Full Report
Operation FlutterBridge is a malvertising campaign targeting macOS users. It distributed the new backdoor FlutterShell, built using the Flutter framework. The post Operation FlutterBridge: macOS Malvertising Campaign Spreads New FlutterShell Backdoor appeared first on Unit 42.
Analysis Summary
# Tool/Technique: FlutterShell (Operation FlutterBridge)
## Overview
**FlutterShell** is a contemporary macOS backdoor discovered during "Operation FlutterBridge." It is unique due to its development using the **Flutter framework**, an open-source UI software development kit. By leveraging Flutter, the attackers can wrap malicious logic within a legitimate-looking cross-platform interface, potentially complicating static analysis and bypassing traditional detection mechanisms that are not yet tuned for Flutter-based macOS binaries.
## Technical Details
- **Type:** Malware family (Backdoor)
- **Platform:** macOS (x86_64 and ARM64 via Universal Binaries)
- **Capabilities:** Command execution, file exfiltration, persistence, and system profiling.
- **First Seen:** Early 2024 (Campaign identified in Unit 42 reporting).
## MITRE ATT&CK Mapping
- **TA0001 - Initial Access**
- T1566.002 - Phishing: Spearphishing Link (via Malvertising)
- **TA0003 - Persistence**
- T1547.001 - Boot or Logon Autostart Execution: Launch Agent
- **TA0005 - Defense Evasion**
- T1140 - Deobfuscate/Decode Files or Information
- T1027 - Obfuscated Files or Information (Flutter framework embedding)
- **TA0007 - Discovery**
- T1082 - System Information Discovery
- **TA0011 - Command and Control**
- T1071.001 - Application Layer Protocol: Web Protocols (HTTP/HTTPS)
## Functionality
### Core Capabilities
- **System Enumeration:** Collects hostnames, usernames, serial numbers, and OS versions.
- **Remote Command Execution:** Executes shell commands provided by the C2 server via the `zsh` or `bash` shell.
- **File Transfer:** Ability to upload sensitive files from the victim's machine to the attacker’s server.
- **Persistence:** Establishes a Launch Agent (typically a `.plist` file in `~/Library/LaunchAgents`) to ensure the backdoor runs upon user login.
### Advanced Features
- **Flutter Framework Obfuscation:** The malicious logic is contained within the `App.framework` file (specifically `libapp.so` or the Mach-O equivalent), which requires specialized reverse engineering tools compared to standard Objective-C or Swift malware.

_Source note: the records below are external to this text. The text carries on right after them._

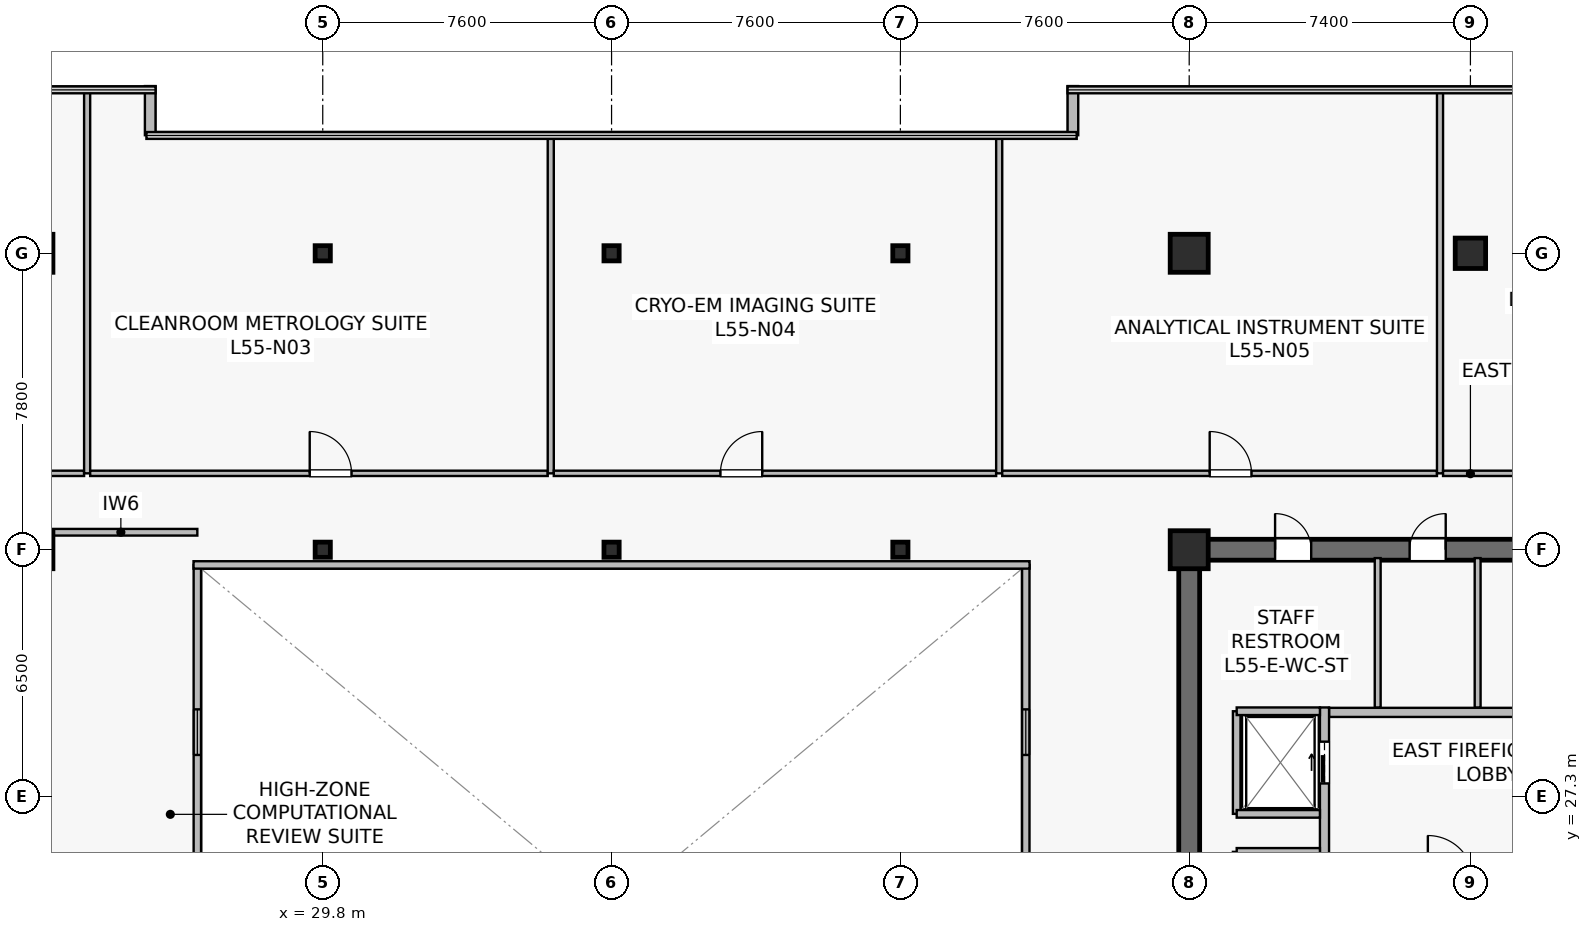
"""IFC4 building model, lengths in metres.
Left out: names, types, materials, properties, quantities, classifications, styles, units other than length and angle.
Written with IfcOpenShell. Run it as: python <this file> out.ifc"""

import sys

from ifc_helpers import new_model, si_unit, direction, frame, frame_2d, origin, origin_2d, place, context, subcontext, project, spatial, rectangle, hollow_rectangle, extrude, source, transform, mapped, element, fill, save


model = new_model("IFC4")
c1 = context("Model", 3, precision=1e-05, world=origin(), true_north=direction((0.0, 1.0)))
c2 = subcontext(c1, "Body", "Model", "MODEL_VIEW")
j1 = project(units=[si_unit("LENGTHUNIT", "METRE"), si_unit("PLANEANGLEUNIT", "RADIAN")], contexts=[c1])
p1 = place(None, origin())
s1 = spatial("IfcSite", under=j1, at=p1, CompositionType="ELEMENT")
p2 = place(p1, origin())
s2 = spatial("IfcBuilding", under=s1, at=p2, CompositionType="ELEMENT")
p3 = place(p2, frame((0.0, 0.0, 230.1)))
s3 = spatial("IfcBuildingStorey", under=s2, at=p3, CompositionType="ELEMENT", Elevation=230.1)
p4 = place(p3, frame((52.325, 33.8, 0.0), z_axis=(0.0, 0.0, 1.0), x_axis=(1.0, 0.0, 0.0)))
e1 = element("IfcWall", 1, at=p4, inside=s3, PredefinedType="SHEAR", context=c2, shape_type="SweptSolid", body=[
    extrude(rectangle(XDim=15.35, YDim=0.55, at=frame_2d((7.675, 0.0))), origin(), (0.0, 0.0, 1.0), 3.8),
])
p5 = place(p4, frame((6.075, 0.0, 0.0)))
e2 = element("IfcOpeningElement", 2, at=p5, cuts=e1, PredefinedType="OPENING", context=c2, shape_type="SweptSolid", body=[
    extrude(rectangle(XDim=0.95, YDim=2.15, at=frame_2d((0.475, 1.075))), frame((0.0, 0.285, 0.0), z_axis=(0.0, -1.0, 0.0), x_axis=(1.0, 0.0, 0.0)), (0.0, 0.0, 1.0), 0.57),
])
p6 = place(p4, frame((2.535, 0.0, 0.0)))
e3 = element("IfcOpeningElement", 3, at=p6, cuts=e1, PredefinedType="OPENING", context=c2, shape_type="SweptSolid", body=[
    extrude(rectangle(XDim=0.95, YDim=2.15, at=frame_2d((0.475, 1.075))), frame((0.0, 0.285, 0.0), z_axis=(0.0, -1.0, 0.0), x_axis=(1.0, 0.0, 0.0)), (0.0, 0.0, 1.0), 0.57),
])
p7 = place(p3, frame((52.6, 15.075, 0.0), z_axis=(0.0, 0.0, 1.0), x_axis=(0.0, 1.0, 0.0)))
e4 = element("IfcWall", 4, at=p7, inside=s3, PredefinedType="SHEAR", context=c2, shape_type="SweptSolid", body=[
    extrude(rectangle(XDim=18.45, YDim=0.55, at=frame_2d((9.225, 0.0))), origin(), (0.0, 0.0, 1.0), 3.8),
])
p8 = place(p7, frame((3.475, 0.0, 0.0)))
e5 = element("IfcOpeningElement", 5, at=p8, cuts=e4, PredefinedType="OPENING", context=c2, shape_type="SweptSolid", body=[
    extrude(rectangle(XDim=1.42, YDim=2.2, at=frame_2d((0.71, 1.1))), frame((0.0, 0.285, 0.0), z_axis=(0.0, -1.0, 0.0), x_axis=(1.0, 0.0, 0.0)), (0.0, 0.0, 1.0), 0.57),
])
m1 = source(origin(), c2, "Body", "SweptSolid", [
    extrude(rectangle(XDim=1.0, YDim=1.0, at=origin_2d()), origin(), (0.0, 0.0, 1.0), 4.1),
])
for number, where, z_axis, x_axis in (
    (6, (22.2, 33.8, 0.0), (0.0, 0.0, 1.0), (1.0, 0.0, 0.0)),
    (7, (22.2, 41.6, 0.0), (0.0, 0.0, 1.0), (1.0, 0.0, 0.0)),
    (8, (52.6, 33.8, 0.0), (0.0, 0.0, 1.0), (1.0, 0.0, 0.0)),
    (9, (52.6, 41.6, 0.0), (0.0, 0.0, 1.0), (1.0, 0.0, 0.0)),
):
    element("IfcColumn", number, at=place(p3, frame(where, z_axis=z_axis, x_axis=x_axis)), inside=s3, PredefinedType="COLUMN", context=c2, shape_type="MappedRepresentation", body=[
        mapped(m1, transform((0.0, 0.0, 0.0), scale=1.0)),
    ])
m2 = source(origin(), c2, "Body", "SweptSolid", [
    extrude(rectangle(XDim=0.8, YDim=0.8, at=origin_2d()), origin(), (0.0, 0.0, 1.0), 4.1),
])
p9 = place(p3, frame((60.0, 41.6, 0.0), z_axis=(0.0, 0.0, 1.0), x_axis=(1.0, 0.0, 0.0)))
e10 = element("IfcColumn", 10, at=p9, inside=s3, PredefinedType="COLUMN", context=c2, shape_type="MappedRepresentation", body=[
    mapped(m2, transform((0.0, 0.0, 0.0), scale=1.0)),
])
m3 = source(origin(), c2, "Body", "SweptSolid", [
    extrude(hollow_rectangle(XDim=0.4, YDim=0.4, WallThickness=0.019, at=origin_2d()), origin(), (0.0, 0.0, 1.0), 4.1),
])
for number, where, z_axis, x_axis in (
    (11, (29.8, 33.8, 0.0), (0.0, 0.0, 1.0), (1.0, 0.0, 0.0)),
    (12, (29.8, 41.6, 0.0), (0.0, 0.0, 1.0), (1.0, 0.0, 0.0)),
    (13, (37.4, 33.8, 0.0), (0.0, 0.0, 1.0), (1.0, 0.0, 0.0)),
    (14, (37.4, 41.6, 0.0), (0.0, 0.0, 1.0), (1.0, 0.0, 0.0)),
    (15, (45.0, 33.8, 0.0), (0.0, 0.0, 1.0), (1.0, 0.0, 0.0)),
    (16, (45.0, 41.6, 0.0), (0.0, 0.0, 1.0), (1.0, 0.0, 0.0)),
):
    element("IfcColumn", number, at=place(p3, frame(where, z_axis=z_axis, x_axis=x_axis)), inside=s3, PredefinedType="COLUMN", context=c2, shape_type="MappedRepresentation", body=[
        mapped(m3, transform((0.0, 0.0, 0.0), scale=1.0)),
    ])
for number, where, z_axis, x_axis in (
    (17, (49.54, 46.0, 0.0), (0.0, 0.0, 1.0), (0.0, -1.0, 0.0)),
    (18, (25.26, 44.707, 0.0), (0.0, 0.0, 1.0), (0.0, 1.0, 0.0)),
):
    element("IfcWall", number, at=place(p3, frame(where, z_axis=z_axis, x_axis=x_axis)), inside=s3, PredefinedType="STANDARD", context=c2, shape_type="SweptSolid", body=[
        extrude(rectangle(XDim=1.293, YDim=0.28, at=frame_2d((0.646, 0.0))), origin(), (0.0, 0.0, 1.0), 3.8),
    ])
p10 = place(p3, frame((56.28, 29.52, 0.0), z_axis=(0.0, 0.0, 1.0), x_axis=(1.0, 0.0, 0.0)))
e19 = element("IfcWall", 19, at=p10, inside=s3, PredefinedType="SOLIDWALL", context=c2, shape_type="SweptSolid", body=[
    extrude(rectangle(XDim=6.92, YDim=0.24, at=frame_2d((3.46, 0.0))), origin(), (0.0, 0.0, 1.0), 3.197),
])
p11 = place(p3, frame((56.16, 22.8, 0.0), z_axis=(0.0, 0.0, 1.0), x_axis=(0.0, 1.0, 0.0)))
e20 = element("IfcWall", 20, at=p11, inside=s3, PredefinedType="SOLIDWALL", context=c2, shape_type="SweptSolid", body=[
    extrude(rectangle(XDim=6.85, YDim=0.24, at=frame_2d((3.425, 0.0))), origin(), (0.0, 0.0, 1.0), 2.935),
])
p12 = place(p11, frame((4.85, 0.0, 0.0)))
e21 = element("IfcOpeningElement", 21, at=p12, cuts=e20, PredefinedType="OPENING", context=c2, shape_type="SweptSolid", body=[
    extrude(rectangle(XDim=1.1, YDim=2.22, at=frame_2d((0.55, 1.11))), frame((0.0, 0.13, 0.0), z_axis=(0.0, -1.0, 0.0), x_axis=(1.0, 0.0, 0.0)), (0.0, 0.0, 1.0), 0.26),
])
p13 = place(p11, frame((1.0, 0.0, 0.0)))
e22 = element("IfcOpeningElement", 22, at=p13, cuts=e20, PredefinedType="OPENING", context=c2, shape_type="SweptSolid", body=[
    extrude(rectangle(XDim=1.2, YDim=2.22, at=frame_2d((0.6, 1.11))), frame((0.0, 0.13, 0.0), z_axis=(0.0, -1.0, 0.0), x_axis=(1.0, 0.0, 0.0)), (0.0, 0.0, 1.0), 0.26),
])
p14 = place(p3, frame((53.85, 26.85, 0.0), z_axis=(0.0, 0.0, 1.0), x_axis=(0.0, 1.0, 0.0)))
e23 = element("IfcWall", 23, at=p14, inside=s3, PredefinedType="SOLIDWALL", context=c2, shape_type="SweptSolid", body=[
    extrude(rectangle(XDim=2.7, YDim=0.2, at=frame_2d((1.35, 0.0))), origin(), (0.0, 0.0, 1.0), 3.8),
])
p15 = place(p3, frame((53.85, 29.55, 0.0), z_axis=(0.0, 0.0, 1.0), x_axis=(1.0, 0.0, 0.0)))
e24 = element("IfcWall", 24, at=p15, inside=s3, PredefinedType="SOLIDWALL", context=c2, shape_type="SweptSolid", body=[
    extrude(rectangle(XDim=2.19, YDim=0.2, at=frame_2d((1.095, 0.0))), origin(), (0.0, 0.0, 1.0), 3.8),
])
p16 = place(p3, frame((53.85, 26.85, 0.0), z_axis=(0.0, 0.0, 1.0), x_axis=(1.0, 0.0, 0.0)))
e25 = element("IfcWall", 25, at=p16, inside=s3, PredefinedType="SOLIDWALL", context=c2, shape_type="SweptSolid", body=[
    extrude(rectangle(XDim=2.19, YDim=0.2, at=frame_2d((1.095, 0.0))), origin(), (0.0, 0.0, 1.0), 3.197),
])
p17 = place(p3, frame((53.85, 22.95, 0.0), z_axis=(0.0, 0.0, 1.0), x_axis=(0.0, 1.0, 0.0)))
e26 = element("IfcWall", 26, at=p17, inside=s3, PredefinedType="SOLIDWALL", context=c2, shape_type="SweptSolid", body=[
    extrude(rectangle(XDim=2.9, YDim=0.2, at=frame_2d((1.45, 0.0))), origin(), (0.0, 0.0, 1.0), 2.935),
])
p18 = place(p3, frame((53.85, 25.85, 0.0), z_axis=(0.0, 0.0, 1.0), x_axis=(1.0, 0.0, 0.0)))
e27 = element("IfcWall", 27, at=p18, inside=s3, PredefinedType="SOLIDWALL", context=c2, shape_type="SweptSolid", body=[
    extrude(rectangle(XDim=2.19, YDim=0.2, at=frame_2d((1.095, 0.0))), origin(), (0.0, 0.0, 1.0), 3.8),
])
p19 = place(p3, frame((60.19, 29.65, 0.0), z_axis=(0.0, 0.0, 1.0), x_axis=(0.0, 1.0, 0.0)))
e28 = element("IfcWall", 28, at=p19, inside=s3, PredefinedType="PLUMBINGWALL", context=c2, shape_type="SweptSolid", body=[
    extrude(rectangle(XDim=3.93, YDim=0.155, at=frame_2d((1.965, 0.0))), origin(), (0.0, 0.0, 1.0), 3.197),
])
p20 = place(p3, frame((57.56, 29.65, 0.0), z_axis=(0.0, 0.0, 1.0), x_axis=(0.0, 1.0, 0.0)))
e29 = element("IfcWall", 29, at=p20, inside=s3, PredefinedType="PLUMBINGWALL", context=c2, shape_type="SweptSolid", body=[
    extrude(rectangle(XDim=3.93, YDim=0.155, at=frame_2d((1.965, 0.0))), origin(), (0.0, 0.0, 1.0), 3.8),
])
p21 = place(p3, frame((22.475, 34.26, 0.0), z_axis=(0.0, 0.0, 1.0), x_axis=(1.0, 0.0, 0.0)))
e30 = element("IfcWall", 30, at=p21, inside=s3, PredefinedType="PARTITIONING", context=c2, shape_type="SweptSolid", body=[
    extrude(rectangle(XDim=4.025, YDim=0.175, at=frame_2d((2.012, 0.0))), origin(), (0.0, 0.0, 1.0), 3.485),
])
p22 = place(p3, frame((26.5, 15.2, 0.0), z_axis=(0.0, 0.0, 1.0), x_axis=(0.0, 1.0, 0.0)))
e31 = element("IfcWall", 31, at=p22, inside=s3, PredefinedType="SOLIDWALL", context=c2, shape_type="SweptSolid", body=[
    extrude(rectangle(XDim=18.2, YDim=0.195, at=frame_2d((9.1, 0.0))), origin(), (0.0, 0.0, 1.0), 3.8),
])
p23 = place(p22, frame((1.8, 0.0, 0.9)))
e32 = element("IfcOpeningElement", 32, at=p23, cuts=e31, PredefinedType="OPENING", context=c2, shape_type="SweptSolid", body=[
    extrude(rectangle(XDim=1.2, YDim=1.35, at=frame_2d((0.6, 0.675))), frame((0.0, 0.107, 0.0), z_axis=(0.0, -1.0, 0.0), x_axis=(1.0, 0.0, 0.0)), (0.0, 0.0, 1.0), 0.215),
])
p24 = place(p22, frame((13.2, 0.0, 0.9)))
e33 = element("IfcOpeningElement", 33, at=p24, cuts=e31, PredefinedType="OPENING", context=c2, shape_type="SweptSolid", body=[
    extrude(rectangle(XDim=1.2, YDim=1.35, at=frame_2d((0.6, 0.675))), frame((0.0, 0.107, 0.0), z_axis=(0.0, -1.0, 0.0), x_axis=(1.0, 0.0, 0.0)), (0.0, 0.0, 1.0), 0.215),
])
p25 = place(p3, frame((48.3, 15.2, 0.0), z_axis=(0.0, 0.0, 1.0), x_axis=(0.0, 1.0, 0.0)))
e34 = element("IfcWall", 34, at=p25, inside=s3, PredefinedType="SOLIDWALL", context=c2, shape_type="SweptSolid", body=[
    extrude(rectangle(XDim=18.2, YDim=0.195, at=frame_2d((9.1, 0.0))), origin(), (0.0, 0.0, 1.0), 3.8),
])
p26 = place(p25, frame((1.8, 0.0, 0.9)))
e35 = element("IfcOpeningElement", 35, at=p26, cuts=e34, PredefinedType="OPENING", context=c2, shape_type="SweptSolid", body=[
    extrude(rectangle(XDim=1.2, YDim=1.35, at=frame_2d((0.6, 0.675))), frame((0.0, 0.107, 0.0), z_axis=(0.0, -1.0, 0.0), x_axis=(1.0, 0.0, 0.0)), (0.0, 0.0, 1.0), 0.215),
])
p27 = place(p25, frame((13.2, 0.0, 0.9)))
e36 = element("IfcOpeningElement", 36, at=p27, cuts=e34, PredefinedType="OPENING", context=c2, shape_type="SweptSolid", body=[
    extrude(rectangle(XDim=1.2, YDim=1.35, at=frame_2d((0.6, 0.675))), frame((0.0, 0.107, 0.0), z_axis=(0.0, -1.0, 0.0), x_axis=(1.0, 0.0, 0.0)), (0.0, 0.0, 1.0), 0.215),
])
p28 = place(p3, frame((26.4, 33.4, 0.0), z_axis=(0.0, 0.0, 1.0), x_axis=(1.0, 0.0, 0.0)))
e37 = element("IfcWall", 37, at=p28, inside=s3, PredefinedType="SOLIDWALL", context=c2, shape_type="SweptSolid", body=[
    extrude(rectangle(XDim=22.0, YDim=0.195, at=frame_2d((11.0, 0.0))), origin(), (0.0, 0.0, 1.0), 3.8),
])
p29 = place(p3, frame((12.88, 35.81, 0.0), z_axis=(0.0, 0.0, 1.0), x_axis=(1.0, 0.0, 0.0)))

- **Multi-Stage Delivery:** Uses a malicious DMG file distributed via malvertising that mimics legitimate productivity software to trick users into manual installation.
## Indicators of Compromise
- **File Hashes (SHA256):**
- `4d4e687878696b99a6136be056a233777717462198083866299103986927361a` (Example DMG)
- `7d4834457788990011223344556677889900aabbccddeeff0011223344556677` (FlutterShell Binary)
- **File Names:**
- `Flash Player.dmg` (Lure name)
- `FlutterShell.app`
- `com.apple.system.plist` (Persistence file)
- **Network Indicators:**
- `hxxps[:]//api.flutterbridge[.]com`
- `hxxps[:]//cdn.macos-update[.]org`
- `185.156.174[.]x`
- **Behavioral Indicators:**
- Unexpected creation of `.plist` files in `~/Library/LaunchAgents`.
- Binary execution from the `/Applications` folder or `/tmp` directory communicating with unknown external IPs over port 443.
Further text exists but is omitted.